Cayo slapped it a moment later, panting for breath. “You’re fast.”
“And you have to tell me an embarrassing secret.”
He groaned and floated on his back, lacing his fingers on his stomach. “Fine. Let’s see…Once, when I was eight, I got my fist stuck in a vase at a duchess’s manor during a dinner party. I was trying to tug it off when everyone came into the foyer and saw it go flying.” He re-created the spectacular arc it had made with his hand over the shimmering water. “And crashed at the duchess’s feet.”
“It’s not a secret if people saw you do it.”
“No, the part that’s secret is that my father spanked me when we got home. I couldn’t sit down without crying for days.”
Although Cayo had lost the race, he was rewarded all the same by the sound of her short, clear laugh ringing over the water.
Unwilling as he was to leave the calm they’d created, the water was getting choppy. They climbed back onto the rocks, which created a makeshift shore. Cayo shielded his eyes and looked at the path of rocks they would have to climb to get back up to the cliff side.

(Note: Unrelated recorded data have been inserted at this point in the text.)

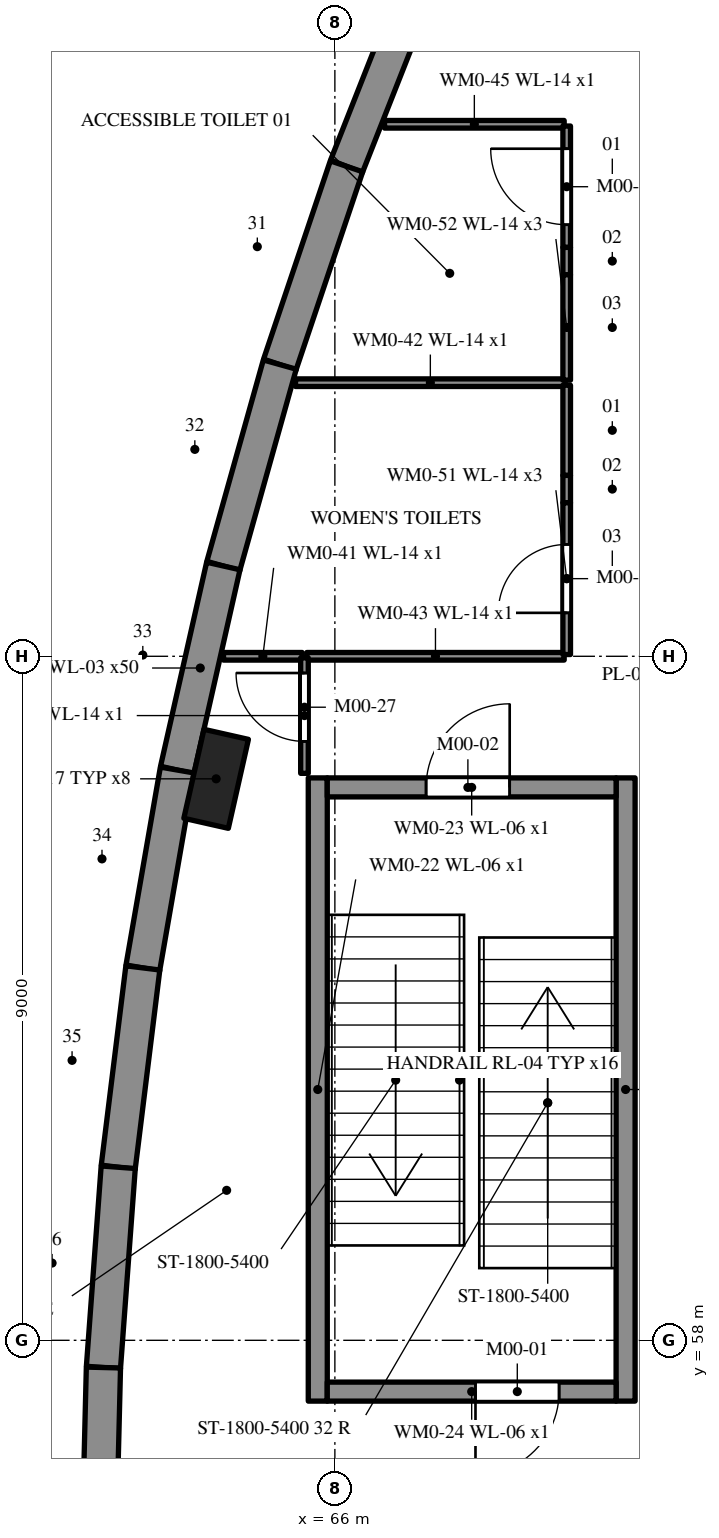
"""IFC4 building model, lengths in metres.
Left out: names, types, materials, properties, quantities, classifications, styles, units other than length and angle.
Written with IfcOpenShell. Run it as: python <this file> out.ifc"""

import sys

from ifc_helpers import new_model, si_unit, direction, frame, frame_2d, origin, origin_2d, place, context, subcontext, project, spatial, polyline, rectangle, outline, extrude, element, fill, save


model = new_model("IFC4")
c1 = context("Model", 3, precision=1e-05, world=origin(), true_north=direction((0.0, 1.0)))
c2 = subcontext(c1, "Body", "Model", "MODEL_VIEW")
j1 = project(units=[si_unit("LENGTHUNIT", "METRE"), si_unit("PLANEANGLEUNIT", "RADIAN")], contexts=[c1])
p1 = place(None, origin())
s1 = spatial("IfcSite", under=j1, at=p1, CompositionType="ELEMENT")
p2 = place(p1, origin())
s2 = spatial("IfcBuilding", under=s1, at=p2, CompositionType="ELEMENT")
p3 = place(p2, origin())
s3 = spatial("IfcBuildingStorey", under=s2, at=p3, CompositionType="ELEMENT", Elevation=0.0)
p4 = place(p3, frame((67.163, 76.007, 0.0), z_axis=(0.0, 0.0, 1.0), x_axis=(-0.366920100653, -0.930252460215, 0.0)))
e1 = element("IfcWall", 1, at=p4, inside=s3, PredefinedType="SOLIDWALL", context=c2, shape_type="SweptSolid", body=[
    extrude(rectangle(XDim=2.752, YDim=0.45, at=frame_2d((1.376, 0.0))), origin(), (0.0, 0.0, 1.0), 5.4),
])
for number, where, z_axis, x_axis in (
    (2, (66.153, 73.447, 0.0), (0.0, 0.0, 1.0), (-0.319, -0.948, 0.0)),
    (3, (65.275, 70.838, 0.0), (0.0, 0.0, 1.0), (-0.27, -0.963, 0.0)),
):
    element("IfcWall", number, at=place(p3, frame(where, z_axis=z_axis, x_axis=x_axis)), inside=s3, PredefinedType="SOLIDWALL", context=c2, shape_type="SweptSolid", body=[
        extrude(rectangle(XDim=2.752, YDim=0.45, at=frame_2d((1.376, 0.0))), origin(), (0.0, 0.0, 1.0), 5.4),
    ])
p5 = place(p3, frame((64.532, 68.188, 0.0), z_axis=(0.0, 0.0, 1.0), x_axis=(-0.220347996563, -0.975421324562, 0.0)))
e4 = element("IfcWall", 4, at=p5, inside=s3, PredefinedType="SOLIDWALL", context=c2, shape_type="SweptSolid", body=[
    extrude(rectangle(XDim=2.752, YDim=0.45, at=frame_2d((1.376, 0.0))), origin(), (0.0, 0.0, 1.0), 5.4),
])
p6 = place(p3, frame((63.926, 65.503, 0.0), z_axis=(0.0, 0.0, 1.0), x_axis=(-0.171196910379, -0.985236833394, 0.0)))
e5 = element("IfcWall", 5, at=p6, inside=s3, PredefinedType="SOLIDWALL", context=c2, shape_type="SweptSolid", body=[
    extrude(rectangle(XDim=2.643, YDim=0.45, at=frame_2d((1.321, 0.0))), origin(), (0.0, 0.0, 1.0), 5.4),
])
p7 = place(p3, frame((63.473, 62.9, 0.0), z_axis=(0.0, 0.0, 1.0), x_axis=(-0.122499610212, -0.992468561466, 0.0)))
e6 = element("IfcWall", 6, at=p7, inside=s3, PredefinedType="SOLIDWALL", context=c2, shape_type="SweptSolid", body=[
    extrude(rectangle(XDim=2.643, YDim=0.45, at=frame_2d((1.321, 0.0))), origin(), (0.0, 0.0, 1.0), 5.4),
])
p8 = place(p3, frame((63.15, 60.277, 0.0), z_axis=(0.0, 0.0, 1.0), x_axis=(-0.07363685767, -0.997285121313, 0.0)))
e7 = element("IfcWall", 7, at=p8, inside=s3, PredefinedType="SOLIDWALL", context=c2, shape_type="SweptSolid", body=[
    extrude(rectangle(XDim=2.642, YDim=0.45, at=frame_2d((1.321, 0.0))), origin(), (0.0, 0.0, 1.0), 5.4),
])
p9 = place(p3, frame((62.955, 57.642, 0.0), z_axis=(0.0, 0.0, 1.0), x_axis=(-0.024666736886, -0.999695729756, 0.0)))
e8 = element("IfcWall", 8, at=p9, inside=s3, PredefinedType="SOLIDWALL", context=c2, shape_type="SweptSolid", body=[
    extrude(rectangle(XDim=2.643, YDim=0.45, at=frame_2d((1.321, 0.0))), origin(), (0.0, 0.0, 1.0), 5.4),
])
p10 = place(p3, frame((64.438, 65.388, 0.0), z_axis=(0.0, 0.0, 1.0), x_axis=(-0.220356962886, -0.975419299024, 0.0)))
e9 = element("IfcColumn", 9, at=p10, inside=s3, PredefinedType="PILASTER", context=c2, shape_type="SweptSolid", body=[
    extrude(rectangle(XDim=1.2, YDim=0.6, at=origin_2d()), origin(), (0.0, 0.0, 1.0), 5.4),
])
for number, where, z_axis, x_axis in (
    (10, (69.825, 57.2, 0.0), (0.0, 0.0, 1.0), (0.0, 1.0, 0.0)),
    (11, (65.775, 65.4, 0.0), (0.0, 0.0, 1.0), (0.0, -1.0, 0.0)),
):
    element("IfcWall", number, at=place(p3, frame(where, z_axis=z_axis, x_axis=x_axis)), inside=s3, PredefinedType="SHEAR", context=c2, shape_type="SweptSolid", body=[
        extrude(rectangle(XDim=8.2, YDim=0.25, at=frame_2d((4.1, 0.0))), origin(), (0.0, 0.0, 1.0), 5.4),
    ])
p11 = place(p3, frame((65.9, 65.275, 0.0), z_axis=(0.0, 0.0, 1.0), x_axis=(1.0, 0.0, 0.0)))
e12 = element("IfcWall", 12, at=p11, inside=s3, PredefinedType="SHEAR", context=c2, shape_type="SweptSolid", body=[
    extrude(rectangle(XDim=3.8, YDim=0.25, at=frame_2d((1.9, 0.0))), origin(), (0.0, 0.0, 1.0), 5.4),
])
p12 = place(p11, frame((1.3, 0.0, 0.0)))
e13 = element("IfcOpeningElement", 13, at=p12, cuts=e12, PredefinedType="OPENING", context=c2, shape_type="SweptSolid", body=[
    extrude(rectangle(XDim=1.1, YDim=2.1, at=frame_2d((0.55, 1.05))), frame((0.0, 0.135, 0.0), z_axis=(0.0, -1.0, 0.0), x_axis=(1.0, 0.0, 0.0)), (0.0, 0.0, 1.0), 0.27),
])
p13 = place(p3, frame((69.7, 57.325, 0.0), z_axis=(0.0, 0.0, 1.0), x_axis=(-1.0, 0.0, 0.0)))
e14 = element("IfcWall", 14, at=p13, inside=s3, PredefinedType="SHEAR", context=c2, shape_type="SweptSolid", body=[
    extrude(rectangle(XDim=3.8, YDim=0.25, at=frame_2d((1.9, 0.0))), origin(), (0.0, 0.0, 1.0), 5.4),
])
p14 = place(p13, frame((0.75, 0.0, 0.0)))
e15 = element("IfcOpeningElement", 15, at=p14, cuts=e14, PredefinedType="OPENING", context=c2, shape_type="SweptSolid", body=[
    extrude(rectangle(XDim=1.1, YDim=2.1, at=frame_2d((0.55, 1.05))), frame((0.0, 0.135, 0.0), z_axis=(0.0, -1.0, 0.0), x_axis=(1.0, 0.0, 0.0)), (0.0, 0.0, 1.0), 0.27),
])
p15 = place(p3, frame((65.57, 67.0, 0.0), z_axis=(0.0, 0.0, 1.0), x_axis=(-1.0, 0.0, 0.0)))
e16 = element("IfcWall", 16, at=p15, inside=s3, PredefinedType="PARTITIONING", context=c2, shape_type="SweptSolid", body=[
    extrude(rectangle(XDim=1.035, YDim=0.1, at=frame_2d((0.518, 0.0))), origin(), (0.0, 0.0, 1.0), 5.15),
])
p16 = place(p3, frame((65.482, 70.6, 0.0), z_axis=(0.0, 0.0, 1.0), x_axis=(1.0, 0.0, 0.0)))
e17 = element("IfcWall", 17, at=p16, inside=s3, PredefinedType="PARTITIONING", context=c2, shape_type="SweptSolid", body=[
    extrude(rectangle(XDim=3.548, YDim=0.1, at=frame_2d((1.774, 0.0))), origin(), (0.0, 0.0, 1.0), 5.15),
])
p17 = place(p3, frame((69.017, 67.0, 0.0), z_axis=(0.0, 0.0, 1.0), x_axis=(-1.0, 0.0, 0.0)))
e18 = element("IfcWall", 18, at=p17, inside=s3, PredefinedType="PARTITIONING", context=c2, shape_type="SweptSolid", body=[
    extrude(rectangle(XDim=3.387, YDim=0.1, at=frame_2d((1.693, 0.0))), origin(), (0.0, 0.0, 1.0), 5.15),
])
p18 = place(p3, frame((65.6, 66.98, 0.0), z_axis=(0.0, 0.0, 1.0), x_axis=(0.0, -1.0, 0.0)))
e19 = element("IfcWall", 19, at=p18, inside=s3, PredefinedType="PARTITIONING", context=c2, shape_type="SweptSolid", body=[
    extrude(outline(polyline([(0.0, 0.0), (1.52, 0.0), (1.52, 5.15), (0.987, 5.15), (0.985, 4.42), (0.575, 4.42), (0.573, 5.15), (0.0, 5.15), (0.0, 0.0)])), frame((0.0, 0.05, 0.0), z_axis=(0.0, -1.0, 0.0), x_axis=(1.0, 0.0, 0.0)), (0.0, 0.0, 1.0), 0.1),
])
p19 = place(p18, frame((0.2, 0.0, 0.0)))
e20 = element("IfcOpeningElement", 20, at=p19, cuts=e19, PredefinedType="OPENING", context=c2, shape_type="SweptSolid", body=[
    extrude(rectangle(XDim=0.9, YDim=2.1, at=frame_2d((0.45, 1.05))), frame((0.0, 0.06, 0.0), z_axis=(0.0, -1.0, 0.0), x_axis=(1.0, 0.0, 0.0)), (0.0, 0.0, 1.0), 0.12),
])
p20 = place(p3, frame((66.653, 74.0, 0.0), z_axis=(0.0, 0.0, 1.0), x_axis=(1.0, 0.0, 0.0)))
e21 = element("IfcWall", 21, at=p20, inside=s3, PredefinedType="PARTITIONING", context=c2, shape_type="SweptSolid", body=[
    extrude(rectangle(XDim=2.364, YDim=0.1, at=frame_2d((1.182, 0.0))), origin(), (0.0, 0.0, 1.0), 5.15),
])
p21 = place(p3, frame((69.05, 70.567, 0.0), z_axis=(0.0, 0.0, 1.0), x_axis=(0.0, -1.0, 0.0)))
e22 = element("IfcWall", 22, at=p21, inside=s3, PredefinedType="PARTITIONING", context=c2, shape_type="SweptSolid", body=[
    extrude(rectangle(XDim=1.187, YDim=0.1, at=frame_2d((0.594, 0.0))), origin(), (0.0, 0.0, 1.0), 5.15),
])
p22 = place(p3, frame((69.05, 69.38, 0.0), z_axis=(0.0, 0.0, 1.0), x_axis=(0.0, -1.0, 0.0)))
e23 = element("IfcWall", 23, at=p22, inside=s3, PredefinedType="PARTITIONING", context=c2, shape_type="SweptSolid", body=[
    extrude(rectangle(XDim=0.36, YDim=0.1, at=frame_2d((0.18, 0.0))), origin(), (0.0, 0.0, 1.0), 4.52),
])
p23 = place(p3, frame((69.05, 69.02, 0.0), z_axis=(0.0, 0.0, 1.0), x_axis=(0.0, -1.0, 0.0)))
e24 = element("IfcWall", 24, at=p23, inside=s3, PredefinedType="PARTITIONING", context=c2, shape_type="SweptSolid", body=[
    extrude(rectangle(XDim=1.997, YDim=0.1, at=frame_2d((0.999, 0.0))), origin(), (0.0, 0.0, 1.0), 5.15),
])
p24 = place(p23, frame((0.548, 0.0, 0.0)))
e25 = element("IfcOpeningElement", 25, at=p24, cuts=e24, PredefinedType="OPENING", context=c2, shape_type="SweptSolid", body=[
    extrude(rectangle(XDim=0.9, YDim=2.1, at=frame_2d((0.45, 1.05))), frame((0.0, 0.06, 0.0), z_axis=(0.0, -1.0, 0.0), x_axis=(1.0, 0.0, 0.0)), (0.0, 0.0, 1.0), 0.12),
])
p25 = place(p3, frame((69.05, 73.977, 0.0), z_axis=(0.0, 0.0, 1.0), x_axis=(0.0, -1.0, 0.0)))
e26 = element("IfcWall", 26, at=p25, inside=s3, PredefinedType="PARTITIONING", context=c2, shape_type="SweptSolid", body=[
    extrude(rectangle(XDim=1.597, YDim=0.1, at=frame_2d((0.798, 0.0))), origin(), (0.0, 0.0, 1.0), 5.15),
])
p26 = place(p25, frame((0.299, 0.0, 0.0)))
e27 = element("IfcOpeningElement", 27, at=p26, cuts=e26, PredefinedType="OPENING", context=c2, shape_type="SweptSolid", body=[
    extrude(rectangle(XDim=1.0, YDim=2.1, at=frame_2d((0.5, 1.05))), frame((0.0, 0.06, 0.0), z_axis=(0.0, -1.0, 0.0), x_axis=(1.0, 0.0, 0.0)), (0.0, 0.0, 1.0), 0.12),
])
p27 = place(p3, frame((69.05, 72.38, 0.0), z_axis=(0.0, 0.0, 1.0), x_axis=(0.0, -1.0, 0.0)))
e28 = element("IfcWall", 28, at=p27, inside=s3, PredefinedType="PARTITIONING", context=c2, shape_type="SweptSolid", body=[
    extrude(rectangle(XDim=0.36, YDim=0.1, at=frame_2d((0.18, 0.0))), origin(), (0.0, 0.0, 1.0), 4.52),
])
p28 = place(p3, frame((69.05, 72.02, 0.0), z_axis=(0.0, 0.0, 1.0), x_axis=(0.0, -1.0, 0.0)))
e29 = element("IfcWall", 29, at=p28, inside=s3, PredefinedType="PARTITIONING", context=c2, shape_type="SweptSolid", body=[
    extrude(rectangle(XDim=1.387, YDim=0.1, at=frame_2d((0.693, 0.0))), origin(), (0.0, 0.0, 1.0), 5.15),
])
p29 = place(p14, origin())
e30 = element("IfcDoor", 30, at=p29, inside=s3, OperationType="SINGLE_SWING_RIGHT", PredefinedType="DOOR", context=c2, shape_type="SweptSolid", body=[
    extrude(rectangle(XDim=1.1, YDim=2.1, at=frame_2d((0.55, 1.05))), frame((0.0, 0.025, 0.0), z_axis=(0.0, -1.0, 0.0), x_axis=(1.0, 0.0, 0.0)), (0.0, 0.0, 1.0), 0.05),
])
fill(e15, e30)
p30 = place(p12, origin())
e31 = element("IfcDoor", 31, at=p30, inside=s3, OperationType="SINGLE_SWING_RIGHT", PredefinedType="DOOR", context=c2, shape_type="SweptSolid", body=[
    extrude(rectangle(XDim=1.1, YDim=2.1, at=frame_2d((0.55, 1.05))), frame((0.0, 0.025, 0.0), z_axis=(0.0, -1.0, 0.0), x_axis=(1.0, 0.0, 0.0)), (0.0, 0.0, 1.0), 0.05),
])
fill(e13, e31)
p31 = place(p24, frame((0.9, 0.0, 0.0), z_axis=(0.0, 0.0, 1.0), x_axis=(-1.0, 0.0, 0.0)))
e32 = element("IfcDoor", 32, at=p31, inside=s3, OperationType="SINGLE_SWING_LEFT", PredefinedType="DOOR", context=c2, shape_type="SweptSolid", body=[
    extrude(rectangle(XDim=0.9, YDim=2.1, at=frame_2d((0.45, 1.05))), frame((0.0, 0.025, 0.0), z_axis=(0.0, -1.0, 0.0), x_axis=(1.0, 0.0, 0.0)), (0.0, 0.0, 1.0), 0.05),
])
fill(e25, e32)
p32 = place(p26, frame((1.0, 0.0, 0.0), z_axis=(0.0, 0.0, 1.0), x_axis=(-1.0, 0.0, 0.0)))
e33 = element("IfcDoor", 33, at=p32, inside=s3, OperationType="SINGLE_SWING_RIGHT", PredefinedType="DOOR", context=c2, shape_type="SweptSolid", body=[
    extrude(rectangle(XDim=1.0, YDim=2.1, at=frame_2d((0.5, 1.05))), frame((0.0, 0.025, 0.0), z_axis=(0.0, -1.0, 0.0), x_axis=(1.0, 0.0, 0.0)), (0.0, 0.0, 1.0), 0.05),
])
fill(e27, e33)
p33 = place(p19, frame((0.9, 0.0, 0.0), z_axis=(0.0, 0.0, 1.0), x_axis=(-1.0, 0.0, 0.0)))
e34 = element("IfcDoor", 34, at=p33, inside=s3, OperationType="SINGLE_SWING_RIGHT", PredefinedType="DOOR", context=c2, shape_type="SweptSolid", body=[
    extrude(rectangle(XDim=0.9, YDim=2.1, at=frame_2d((0.45, 1.05))), frame((0.0, 0.025, 0.0), z_axis=(0.0, -1.0, 0.0), x_axis=(1.0, 0.0, 0.0)), (0.0, 0.0, 1.0), 0.05),
])
fill(e20, e34)
save(model, sys.argv[1])

When he turned to ask her if she needed any help, his breath caught in his throat. The fabric of her undergarments had clung to her with water, revealing the outline of a body threaded with corded muscle. The way she stood revealed the strength of her arms and thighs and stomach, a strength that was constantly hidden under silks and corsets. Water droplets rolled down her smooth skin, pooling in the crooks of her elbows and the hollow of her collarbone.